Naofen promotes TNF-α-mediated apoptosis of hepatocytes by activating caspase-3 in lipopolysaccharide-treated rats

Figure 1 Changes in tumor necrosis factor-α and naofen expression in the liver of lipopolysaccharide-treated rats. Rats were intravenously injected with saline + IgG (control), LPS (500 μg/kg) + IgG (2 mg/kg) or LPS (500 μg/kg) + anti-TNF-α (2 mg/kg), and livers were removed to evaluate expression of TNF-α and naofen. A: Time course of the effects of LPS on TNF-α mRNA expression; B: Effect of anti-TNF-α antibody on naofen mRNA expression at 9 h after LPS injection; total RNA was extracted using TRIzol reagent and relative mRNA was quantified using qPCR (n = 10). Tissue lysates were examined by Western blot; C: TNF-α protein expression; D: Naofen protein expression (n = 6). Results are presented as ratios of target mRNA or protein normalized to internal GAPDH. ^aP < 0.05, ^bP < 0.01 and ^dP < 0.001 vs control; ^eP < 0.05 vs LPS + IgG. TNF-α: Tumor necrosis factor-α; LPS: Lipopolysaccharide.

Figure 2 Effects of anti-tumor necrosis factor-α antibody on caspase-3 activation and apoptosis. Rats were treated as described above. A: Caspase-3 activation. Livers were lysed in lysis buffer and caspase-3 activation was measured. ^bP < 0.01 vs controls; ^dP < 0.01 vs LPS + IgG (n = 10); B: Liver apoptosis was examined using dUTP nick end labeling assay in rats 9 h after injection with control (saline + IgG), LPS + IgG or LPS + anti-TNF-α. Bar: 100 μm; C: Apoptosis index in the different groups. ^bP < 0.01 vs control; ^dP < 0.01 vs LPS + IgG (n = 10). TNF-α: Tumor necrosis factor-α; LPS: Lipopolysaccharide.

Figure 3 Effects of exposure period of Kupffer cells to lipopolysaccharide on tumor necrosis factor-α production. Primary Kupffer cells (KCs) were separated from rat livers using collagenase perfusion. After 24 h of incubation, KCs were incubated with lipopolysaccharide (LPS) (100 ng/mL). A: Tumor necrosis factor (TNF)-α mRNA was quantified using qPCR (n = 6); B: Immunoblotting assay for TNF-α. KC lysates were analyzed with TNF-α antibody (n = 6). GAPDH was used as an internal control. ^aP < 0.05, ^bP < 0.01 and ^dP < 0.001 vs controls (without LPS treatment).
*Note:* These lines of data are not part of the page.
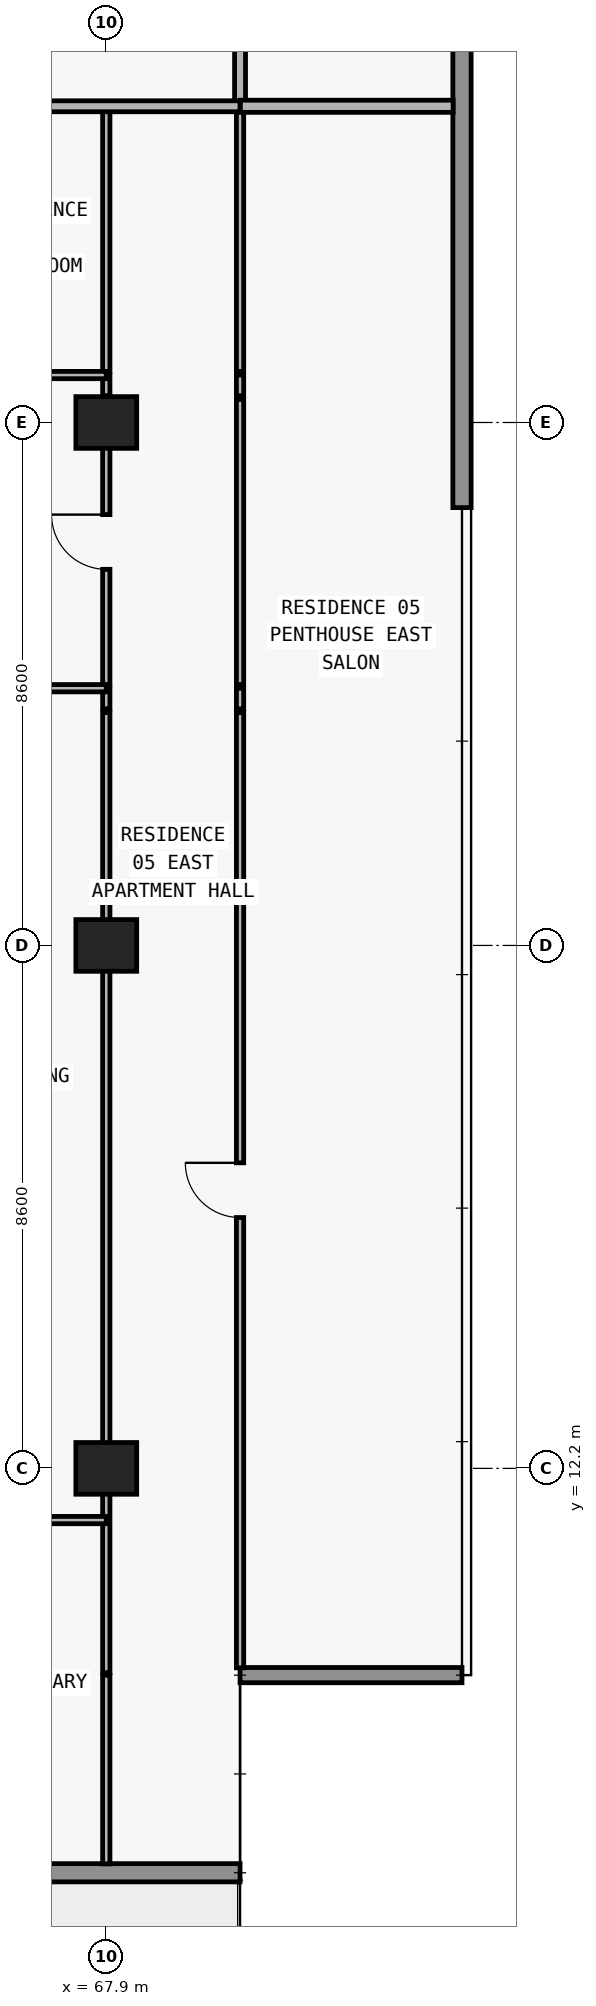
"""IFC4 building model, lengths in metres.
Left out: names, types, materials, properties, quantities, classifications, styles, units other than length and angle.
Written with IfcOpenShell. Run it as: python <this file> out.ifc"""

import sys

from ifc_helpers import new_model, si_unit, direction, frame, frame_2d, origin, origin_2d, place, context, subcontext, project, spatial, rectangle, extrude, element, fill, save


model = new_model("IFC4")
c1 = context("Model", 3, precision=1e-05, world=origin(), true_north=direction((0.0, 1.0)))
c2 = subcontext(c1, "Body", "Model", "MODEL_VIEW")
j1 = project(units=[si_unit("LENGTHUNIT", "METRE"), si_unit("PLANEANGLEUNIT", "RADIAN")], contexts=[c1])
p1 = place(None, origin())
s1 = spatial("IfcSite", under=j1, at=p1, CompositionType="ELEMENT")
p2 = place(p1, origin())
s2 = spatial("IfcBuilding", under=s1, at=p2, CompositionType="ELEMENT")
p3 = place(p2, frame((0.0, 0.0, 102.6)))
s3 = spatial("IfcBuildingStorey", under=s2, at=p3, CompositionType="ELEMENT", Elevation=102.6)
for number, where, z_axis, x_axis in (
    (1, (67.9, 12.2, 0.0), (0.0, 0.0, 1.0), (1.0, 0.0, 0.0)),
    (2, (67.9, 20.8, 0.0), (0.0, 0.0, 1.0), (1.0, 0.0, 0.0)),
    (3, (67.9, 29.4, 0.0), (0.0, 0.0, 1.0), (1.0, 0.0, 0.0)),
):
    element("IfcColumn", number, at=place(p3, frame(where, z_axis=z_axis, x_axis=x_axis)), inside=s3, PredefinedType="COLUMN", context=c2, shape_type="SweptSolid", body=[
        extrude(rectangle(XDim=1.0, YDim=0.85, at=origin_2d()), origin(), (0.0, 0.0, 1.0), 3.05),
    ])
p4 = place(p3, frame((70.1, 5.55, 0.0), z_axis=(0.0, 0.0, 1.0), x_axis=(-1.0, 0.0, 0.0)))
e4 = element("IfcWall", 4, at=p4, inside=s3, PredefinedType="STANDARD", context=c2, shape_type="SweptSolid", body=[
    extrude(rectangle(XDim=62.4, YDim=0.3, at=frame_2d((31.2, 0.0))), origin(), (0.0, 0.0, 1.0), 3.05),
])
p5 = place(p4, frame((57.226, 0.0, 0.0)))
e5 = element("IfcOpeningElement", 5, at=p5, cuts=e4, PredefinedType="OPENING", context=c2, shape_type="SweptSolid", body=[
    extrude(rectangle(XDim=2.0, YDim=2.3, at=frame_2d((1.0, 1.15))), frame((0.0, 0.16, 0.0), z_axis=(0.0, -1.0, 0.0), x_axis=(1.0, 0.0, 0.0)), (0.0, 0.0, 1.0), 0.32),
])
p6 = place(p4, frame((52.926, 0.0, 0.85)))
e6 = element("IfcOpeningElement", 6, at=p6, cuts=e4, PredefinedType="OPENING", context=c2, shape_type="SweptSolid", body=[
    extrude(rectangle(XDim=2.2, YDim=1.55, at=frame_2d((1.1, 0.775))), frame((0.0, 0.16, 0.0), z_axis=(0.0, -1.0, 0.0), x_axis=(1.0, 0.0, 0.0)), (0.0, 0.0, 1.0), 0.32),
])
p7 = place(p4, frame((48.49, 0.0, 0.0)))
e7 = element("IfcOpeningElement", 7, at=p7, cuts=e4, PredefinedType="OPENING", context=c2, shape_type="SweptSolid", body=[
    extrude(rectangle(XDim=2.0, YDim=2.3, at=frame_2d((1.0, 1.15))), frame((0.0, 0.16, 0.0), z_axis=(0.0, -1.0, 0.0), x_axis=(1.0, 0.0, 0.0)), (0.0, 0.0, 1.0), 0.32),
])
p8 = place(p4, frame((44.39, 0.0, 0.85)))
e8 = element("IfcOpeningElement", 8, at=p8, cuts=e4, PredefinedType="OPENING", context=c2, shape_type="SweptSolid", body=[
    extrude(rectangle(XDim=1.8, YDim=1.55, at=frame_2d((0.9, 0.775))), frame((0.0, 0.16, 0.0), z_axis=(0.0, -1.0, 0.0), x_axis=(1.0, 0.0, 0.0)), (0.0, 0.0, 1.0), 0.32),
])
p9 = place(p4, frame((40.49, 0.0, 0.0)))
e9 = element("IfcOpeningElement", 9, at=p9, cuts=e4, PredefinedType="OPENING", context=c2, shape_type="SweptSolid", body=[
    extrude(rectangle(XDim=2.0, YDim=2.3, at=frame_2d((1.0, 1.15))), frame((0.0, 0.16, 0.0), z_axis=(0.0, -1.0, 0.0), x_axis=(1.0, 0.0, 0.0)), (0.0, 0.0, 1.0), 0.32),
])
p10 = place(p4, frame((35.81, 0.0, 0.65)))
e10 = element("IfcOpeningElement", 10, at=p10, cuts=e4, PredefinedType="OPENING", context=c2, shape_type="SweptSolid", body=[
    extrude(rectangle(XDim=2.6, YDim=1.85, at=frame_2d((1.3, 0.925))), frame((0.0, 0.16, 0.0), z_axis=(0.0, -1.0, 0.0), x_axis=(1.0, 0.0, 0.0)), (0.0, 0.0, 1.0), 0.32),
])
p11 = place(p4, frame((30.1, 0.0, 0.85)))
e11 = element("IfcOpeningElement", 11, at=p11, cuts=e4, PredefinedType="OPENING", context=c2, shape_type="SweptSolid", body=[
    extrude(rectangle(XDim=2.2, YDim=1.55, at=frame_2d((1.1, 0.775))), frame((0.0, 0.16, 0.0), z_axis=(0.0, -1.0, 0.0), x_axis=(1.0, 0.0, 0.0)), (0.0, 0.0, 1.0), 0.32),
])
p12 = place(p4, frame((22.1, 0.0, 0.85)))
e12 = element("IfcOpeningElement", 12, at=p12, cuts=e4, PredefinedType="OPENING", context=c2, shape_type="SweptSolid", body=[
    extrude(rectangle(XDim=2.2, YDim=1.55, at=frame_2d((1.1, 0.775))), frame((0.0, 0.16, 0.0), z_axis=(0.0, -1.0, 0.0), x_axis=(1.0, 0.0, 0.0)), (0.0, 0.0, 1.0), 0.32),
])
p13 = place(p4, frame((15.69, 0.0, 0.0)))
e13 = element("IfcOpeningElement", 13, at=p13, cuts=e4, PredefinedType="OPENING", context=c2, shape_type="SweptSolid", body=[
    extrude(rectangle(XDim=2.0, YDim=2.3, at=frame_2d((1.0, 1.15))), frame((0.0, 0.16, 0.0), z_axis=(0.0, -1.0, 0.0), x_axis=(1.0, 0.0, 0.0)), (0.0, 0.0, 1.0), 0.32),
])
p14 = place(p4, frame((11.59, 0.0, 0.85)))
e14 = element("IfcOpeningElement", 14, at=p14, cuts=e4, PredefinedType="OPENING", context=c2, shape_type="SweptSolid", body=[
    extrude(rectangle(XDim=1.8, YDim=1.55, at=frame_2d((0.9, 0.775))), frame((0.0, 0.16, 0.0), z_axis=(0.0, -1.0, 0.0), x_axis=(1.0, 0.0, 0.0)), (0.0, 0.0, 1.0), 0.32),
])
p15 = place(p4, frame((7.626, 0.0, 0.0)))
e15 = element("IfcOpeningElement", 15, at=p15, cuts=e4, PredefinedType="OPENING", context=c2, shape_type="SweptSolid", body=[
    extrude(rectangle(XDim=2.0, YDim=2.3, at=frame_2d((1.0, 1.15))), frame((0.0, 0.16, 0.0), z_axis=(0.0, -1.0, 0.0), x_axis=(1.0, 0.0, 0.0)), (0.0, 0.0, 1.0), 0.32),
])
p16 = place(p4, frame((3.326, 0.0, 0.85)))
e16 = element("IfcOpeningElement", 16, at=p16, cuts=e4, PredefinedType="OPENING", context=c2, shape_type="SweptSolid", body=[
    extrude(rectangle(XDim=2.2, YDim=1.55, at=frame_2d((1.1, 0.775))), frame((0.0, 0.16, 0.0), z_axis=(0.0, -1.0, 0.0), x_axis=(1.0, 0.0, 0.0)), (0.0, 0.0, 1.0), 0.32),
])
p17 = place(p3, frame((70.1, 8.8, 0.0), z_axis=(0.0, 0.0, 1.0), x_axis=(1.0, 0.0, 0.0)))
e17 = element("IfcWall", 17, at=p17, inside=s3, PredefinedType="ELEMENTEDWALL", context=c2, shape_type="SweptSolid", body=[
    extrude(rectangle(XDim=3.65, YDim=0.25, at=frame_2d((1.825, 0.0))), origin(), (0.0, 0.0, 1.0), 3.05),
])
p18 = place(p3, frame((73.75, 47.2, 0.0), z_axis=(0.0, 0.0, 1.0), x_axis=(0.0, -1.0, 0.0)))
e18 = element("IfcWall", 18, at=p18, inside=s3, PredefinedType="STANDARD", context=c2, shape_type="SweptSolid", body=[
    extrude(rectangle(XDim=19.2, YDim=0.3, at=frame_2d((9.6, 0.0))), origin(), (0.0, 0.0, 1.0), 3.05),
])
p19 = place(p3, frame((67.9, 5.695, 0.0), z_axis=(0.0, 0.0, 1.0), x_axis=(0.0, 1.0, 0.0)))
e19 = element("IfcWall", 19, at=p19, inside=s3, PredefinedType="PARTITIONING", context=c2, shape_type="SweptSolid", body=[
    extrude(rectangle(XDim=3.105, YDim=0.12, at=frame_2d((1.552, 0.0))), origin(), (0.0, 0.0, 1.0), 3.05),
])
p20 = place(p3, frame((67.9, 8.84, 0.0), z_axis=(0.0, 0.0, 1.0), x_axis=(0.0, 1.0, 0.0)))
e20 = element("IfcWall", 20, at=p20, inside=s3, PredefinedType="PARTITIONING", context=c2, shape_type="SweptSolid", body=[
    extrude(rectangle(XDim=15.79, YDim=0.12, at=frame_2d((7.895, 0.0))), origin(), (0.0, 0.0, 1.0), 2.174),
])
p21 = place(p3, frame((67.9, 24.69, 0.0), z_axis=(0.0, 0.0, 1.0), x_axis=(0.0, 1.0, 0.0)))
e21 = element("IfcWall", 21, at=p21, inside=s3, PredefinedType="PARTITIONING", context=c2, shape_type="SweptSolid", body=[
    extrude(rectangle(XDim=0.34, YDim=0.12, at=frame_2d((0.17, 0.0))), origin(), (0.0, 0.0, 1.0), 2.174),
])
p22 = place(p3, frame((67.9, 25.09, 0.0), z_axis=(0.0, 0.0, 1.0), x_axis=(0.0, 1.0, 0.0)))
e22 = element("IfcWall", 22, at=p22, inside=s3, PredefinedType="PARTITIONING", context=c2, shape_type="SweptSolid", body=[
    extrude(rectangle(XDim=4.69, YDim=0.12, at=frame_2d((2.345, 0.0))), origin(), (0.0, 0.0, 1.0), 2.174),
])
p23 = place(p22, frame((1.895, 0.0, 0.0)))
e23 = element("IfcOpeningElement", 23, at=p23, cuts=e22, PredefinedType="OPENING", context=c2, shape_type="SweptSolid", body=[
    extrude(rectangle(XDim=0.9, YDim=2.124, at=frame_2d((0.45, 1.062))), frame((0.0, 0.07, 0.0), z_axis=(0.0, -1.0, 0.0), x_axis=(1.0, 0.0, 0.0)), (0.0, 0.0, 1.0), 0.14),
])
p24 = place(p3, frame((67.9, 29.84, 0.0), z_axis=(0.0, 0.0, 1.0), x_axis=(0.0, 1.0, 0.0)))
e24 = element("IfcWall", 24, at=p24, inside=s3, PredefinedType="PARTITIONING", context=c2, shape_type="SweptSolid", body=[
    extrude(rectangle(XDim=0.34, YDim=0.12, at=frame_2d((0.17, 0.0))), origin(), (0.0, 0.0, 1.0), 2.174),
])
p25 = place(p3, frame((67.9, 30.24, 0.0), z_axis=(0.0, 0.0, 1.0), x_axis=(0.0, 1.0, 0.0)))
e25 = element("IfcWall", 25, at=p25, inside=s3, PredefinedType="PARTITIONING", context=c2, shape_type="SweptSolid", body=[
    extrude(rectangle(XDim=4.36, YDim=0.12, at=frame_2d((2.18, 0.0))), origin(), (0.0, 0.0, 1.0), 2.174),
])
p26 = place(p3, frame((70.1, 8.92, 0.0), z_axis=(0.0, 0.0, 1.0), x_axis=(0.0, 1.0, 0.0)))
e26 = element("IfcWall", 26, at=p26, inside=s3, PredefinedType="PARTITIONING", context=c2, shape_type="SweptSolid", body=[
    extrude(rectangle(XDim=15.71, YDim=0.12, at=frame_2d((7.855, 0.0))), origin(), (0.0, 0.0, 1.0), 3.05),
])
p27 = place(p26, frame((7.405, 0.0, 0.0)))
e27 = element("IfcOpeningElement", 27, at=p27, cuts=e26, PredefinedType="OPENING", context=c2, shape_type="SweptSolid", body=[
    extrude(rectangle(XDim=0.9, YDim=2.15, at=frame_2d((0.45, 1.075))), frame((0.0, 0.07, 0.0), z_axis=(0.0, -1.0, 0.0), x_axis=(1.0, 0.0, 0.0)), (0.0, 0.0, 1.0), 0.14),
])
p28 = place(p3, frame((70.1, 24.69, 0.0), z_axis=(0.0, 0.0, 1.0), x_axis=(0.0, 1.0, 0.0)))
e28 = element("IfcWall", 28, at=p28, inside=s3, PredefinedType="PARTITIONING", context=c2, shape_type="SweptSolid", body=[
    extrude(rectangle(XDim=0.34, YDim=0.12, at=frame_2d((0.17, 0.0))), origin(), (0.0, 0.0, 1.0), 3.05),
])
p29 = place(p3, frame((70.1, 25.09, 0.0), z_axis=(0.0, 0.0, 1.0), x_axis=(0.0, 1.0, 0.0)))
e29 = element("IfcWall", 29, at=p29, inside=s3, PredefinedType="PARTITIONING", context=c2, shape_type="SweptSolid", body=[
    extrude(rectangle(XDim=4.69, YDim=0.12, at=frame_2d((2.345, 0.0))), origin(), (0.0, 0.0, 1.0), 3.05),
])
p30 = place(p3, frame((70.1, 29.84, 0.0), z_axis=(0.0, 0.0, 1.0), x_axis=(0.0, 1.0, 0.0)))
e30 = element("IfcWall", 30, at=p30, inside=s3, PredefinedType="PARTITIONING", context=c2, shape_type="SweptSolid", body=[
    extrude(rectangle(XDim=0.34, YDim=0.12, at=frame_2d((0.17, 0.0))), origin(), (0.0, 0.0, 1.0), 3.05),
])
p31 = place(p3, frame((70.1, 30.24, 0.0), z_axis=(0.0, 0.0, 1.0), x_axis=(0.0, 1.0, 0.0)))
e31 = element("IfcWall", 31, at=p31, inside=s3, PredefinedType="PARTITIONING", context=c2, shape_type="SweptSolid", body=[
    extrude(rectangle(XDim=4.36, YDim=0.12, at=frame_2d((2.18, 0.0))), origin(), (0.0, 0.0, 1.0), 3.05),
])
p32 = place(p3, frame((70.1, 34.605, 0.0), z_axis=(0.0, 0.0, 1.0), x_axis=(0.0, 1.0, 0.0)))
e32 = element("IfcWall", 32, at=p32, inside=s3, PredefinedType="PARTITIONING", context=c2, shape_type="SweptSolid", body=[
    extrude(rectangle(XDim=2.345, YDim=0.18, at=frame_2d((1.172, 0.0))), origin(), (0.0, 0.0, 1.0), 3.05),
])
p33 = place(p3, frame((63.448, 11.35, 0.0), z_axis=(0.0, 0.0, 1.0), x_axis=(1.0, 0.0, 0.0)))
e33 = element("IfcWall", 33, at=p33, inside=s3, PredefinedType="PARTITIONING", context=c2, shape_type="SweptSolid", body=[
    extrude(rectangle(XDim=4.452, YDim=0.12, at=frame_2d((2.226, 0.0))), origin(), (0.0, 0.0, 1.0), 3.05),
])
p34 = place(p33, frame((1.776, 0.0, 0.0)))
e34 = element("IfcOpeningElement", 34, at=p34, cuts=e33, PredefinedType="OPENING", context=c2, shape_type="SweptSolid", body=[
    extrude(rectangle(XDim=0.9, YDim=2.15, at=frame_2d((0.45, 1.075))), frame((0.0, 0.07, 0.0), z_axis=(0.0, -1.0, 0.0), x_axis=(1.0, 0.0, 0.0)), (0.0, 0.0, 1.0), 0.14),
])
p35 = place(p3, frame((59.55, 25.03, 0.0), z_axis=(0.0, 0.0, 1.0), x_axis=(1.0, 0.0, 0.0)))
e35 = element("IfcWall", 35, at=p35, inside=s3, PredefinedType="PARTITIONING", context=c2, shape_type="SweptSolid", body=[
    extrude(rectangle(XDim=8.35, YDim=0.12, at=frame_2d((4.175, 0.0))), origin(), (0.0, 0.0, 1.0), 3.05),
])
p36 = place(p35, frame((1.499, 0.0, 0.0)))
e36 = element("IfcOpeningElement", 36, at=p36, cuts=e35, PredefinedType="OPENING", context=c2, shape_type="SweptSolid", body=[
    extrude(rectangle(XDim=0.9, YDim=2.15, at=frame_2d((0.45, 1.075))), frame((0.0, 0.07, 0.0), z_axis=(0.0, -1.0, 0.0), x_axis=(1.0, 0.0, 0.0)), (0.0, 0.0, 1.0), 0.14),
])
p37 = place(p35, frame((5.968, 0.0, 0.0)))
e37 = element("IfcOpeningElement", 37, at=p37, cuts=e35, PredefinedType="OPENING", context=c2, shape_type="SweptSolid", body=[
    extrude(rectangle(XDim=0.9, YDim=2.15, at=frame_2d((0.45, 1.075))), frame((0.0, 0.07, 0.0), z_axis=(0.0, -1.0, 0.0), x_axis=(1.0, 0.0, 0.0)), (0.0, 0.0, 1.0), 0.14),
])
p38 = place(p3, frame((59.55, 30.18, 0.0), z_axis=(0.0, 0.0, 1.0), x_axis=(1.0, 0.0, 0.0)))
e38 = element("IfcWall", 38, at=p38, inside=s3, PredefinedType="PARTITIONING", context=c2, shape_type="SweptSolid", body=[
    extrude(rectangle(XDim=8.35, YDim=0.12, at=frame_2d((4.175, 0.0))), origin(), (0.0, 0.0, 1.0), 3.05),
])
p39 = place(p38, frame((1.793, 0.0, 0.0)))
e39 = element("IfcOpeningElement", 39, at=p39, cuts=e38, PredefinedType="OPENING", context=c2, shape_type="SweptSolid", body=[
    extrude(rectangle(XDim=0.9, YDim=2.15, at=frame_2d((0.45, 1.075))), frame((0.0, 0.07, 0.0), z_axis=(0.0, -1.0, 0.0), x_axis=(1.0, 0.0, 0.0)), (0.0, 0.0, 1.0), 0.14),
])
p40 = place(p3, frame((59.55, 34.6, 0.0), z_axis=(0.0, 0.0, 1.0), x_axis=(1.0, 0.0, 0.0)))
e40 = element("IfcWall", 40, at=p40, inside=s3, PredefinedType="PARTITIONING", context=c2, shape_type="SweptSolid", body=[
    extrude(rectangle(XDim=10.55, YDim=0.18, at=frame_2d((5.275, 0.0))), origin(), (0.0, 0.0, 1.0), 3.05),
])
p41 = place(p40, frame((2.51, 0.0, 0.0)))
e41 = element("IfcOpeningElement", 41, at=p41, cuts=e40, PredefinedType="OPENING", context=c2, shape_type="SweptSolid", body=[
    extrude(rectangle(XDim=1.0, YDim=2.2, at=frame_2d((0.5, 1.1))), frame((0.0, 0.1, 0.0), z_axis=(0.0, -1.0, 0.0), x_axis=(1.0, 0.0, 0.0)), (0.0, 0.0, 1.0), 0.2),
])
p42 = place(p3, frame((70.105, 34.6, 0.0), z_axis=(0.0, 0.0, 1.0), x_axis=(1.0, 0.0, 0.0)))
e42 = element("IfcWall", 42, at=p42, inside=s3, PredefinedType="PARTITIONING", context=c2, shape_type="SweptSolid", body=[
    extrude(rectangle(XDim=3.5, YDim=0.2, at=frame_2d((1.75, 0.0))), origin(), (0.0, 0.0, 1.0), 3.05),
])
p43 = place(p23, origin())
e43 = element("IfcDoor", 43, at=p43, inside=s3, OperationType="SINGLE_SWING_RIGHT", PredefinedType="DOOR", context=c2, shape_type="SweptSolid", body=[
    extrude(rectangle(XDim=0.9, YDim=2.124, at=frame_2d((0.45, 1.062))), frame((0.0, 0.025, 0.0), z_axis=(0.0, -1.0, 0.0), x_axis=(1.0, 0.0, 0.0)), (0.0, 0.0, 1.0), 0.05),
])
fill(e23, e43)
p44 = place(p27, origin())
e44 = element("IfcDoor", 44, at=p44, inside=s3, OperationType="SINGLE_SWING_RIGHT", PredefinedType="DOOR", context=c2, shape_type="SweptSolid", body=[
    extrude(rectangle(XDim=0.9, YDim=2.15, at=frame_2d((0.45, 1.075))), frame((0.0, 0.025, 0.0), z_axis=(0.0, -1.0, 0.0), x_axis=(1.0, 0.0, 0.0)), (0.0, 0.0, 1.0), 0.05),
])
fill(e27, e44)
save(model, sys.argv[1])

Figure 4 Effect of Kupffer cell-conditioned medium on naofen mRNA expression and caspase-3 activation. Primary Kupffer cell (KCs) and hepatocytes were separated as described above, and KC-CM was obtained by incubating KCs with LPS (100 ng/mL) for 6 h. Anti-TNF-α antibody (500 ng/mL) was added to KC-CM treated with LPS for 6 h and incubated at 37 °C for 1 h (anti-TNF-α + 6 h KC-CM). Hepatocytes were incubated with LPS (100 ng/mL), TNF-α (10 ng/mL), IgG (500 ng/mL), 6 h KC-CM and anti-TNF-α + 6 h KC-CM for 12 h, respectively. A: Naofen mRNA in hepatocytes was measured with qPCR and GAPDH was used as an internal control (n = 6); B: Immunoblotting assay for naofen. Hepatocyte lysates were analyzed with naofen antibody (n = 6); C: Caspase-3 activation was also measured (n = 6). ^bP < 0.01 vs controls; ^cP < 0.05 and ^dP < 0.01 vs 6 h KC-CM. TNF-α: Tumor necrosis factor-α; LPS: Lipopolysaccharide; KC-CM: Kupffer cell-conditioned medium.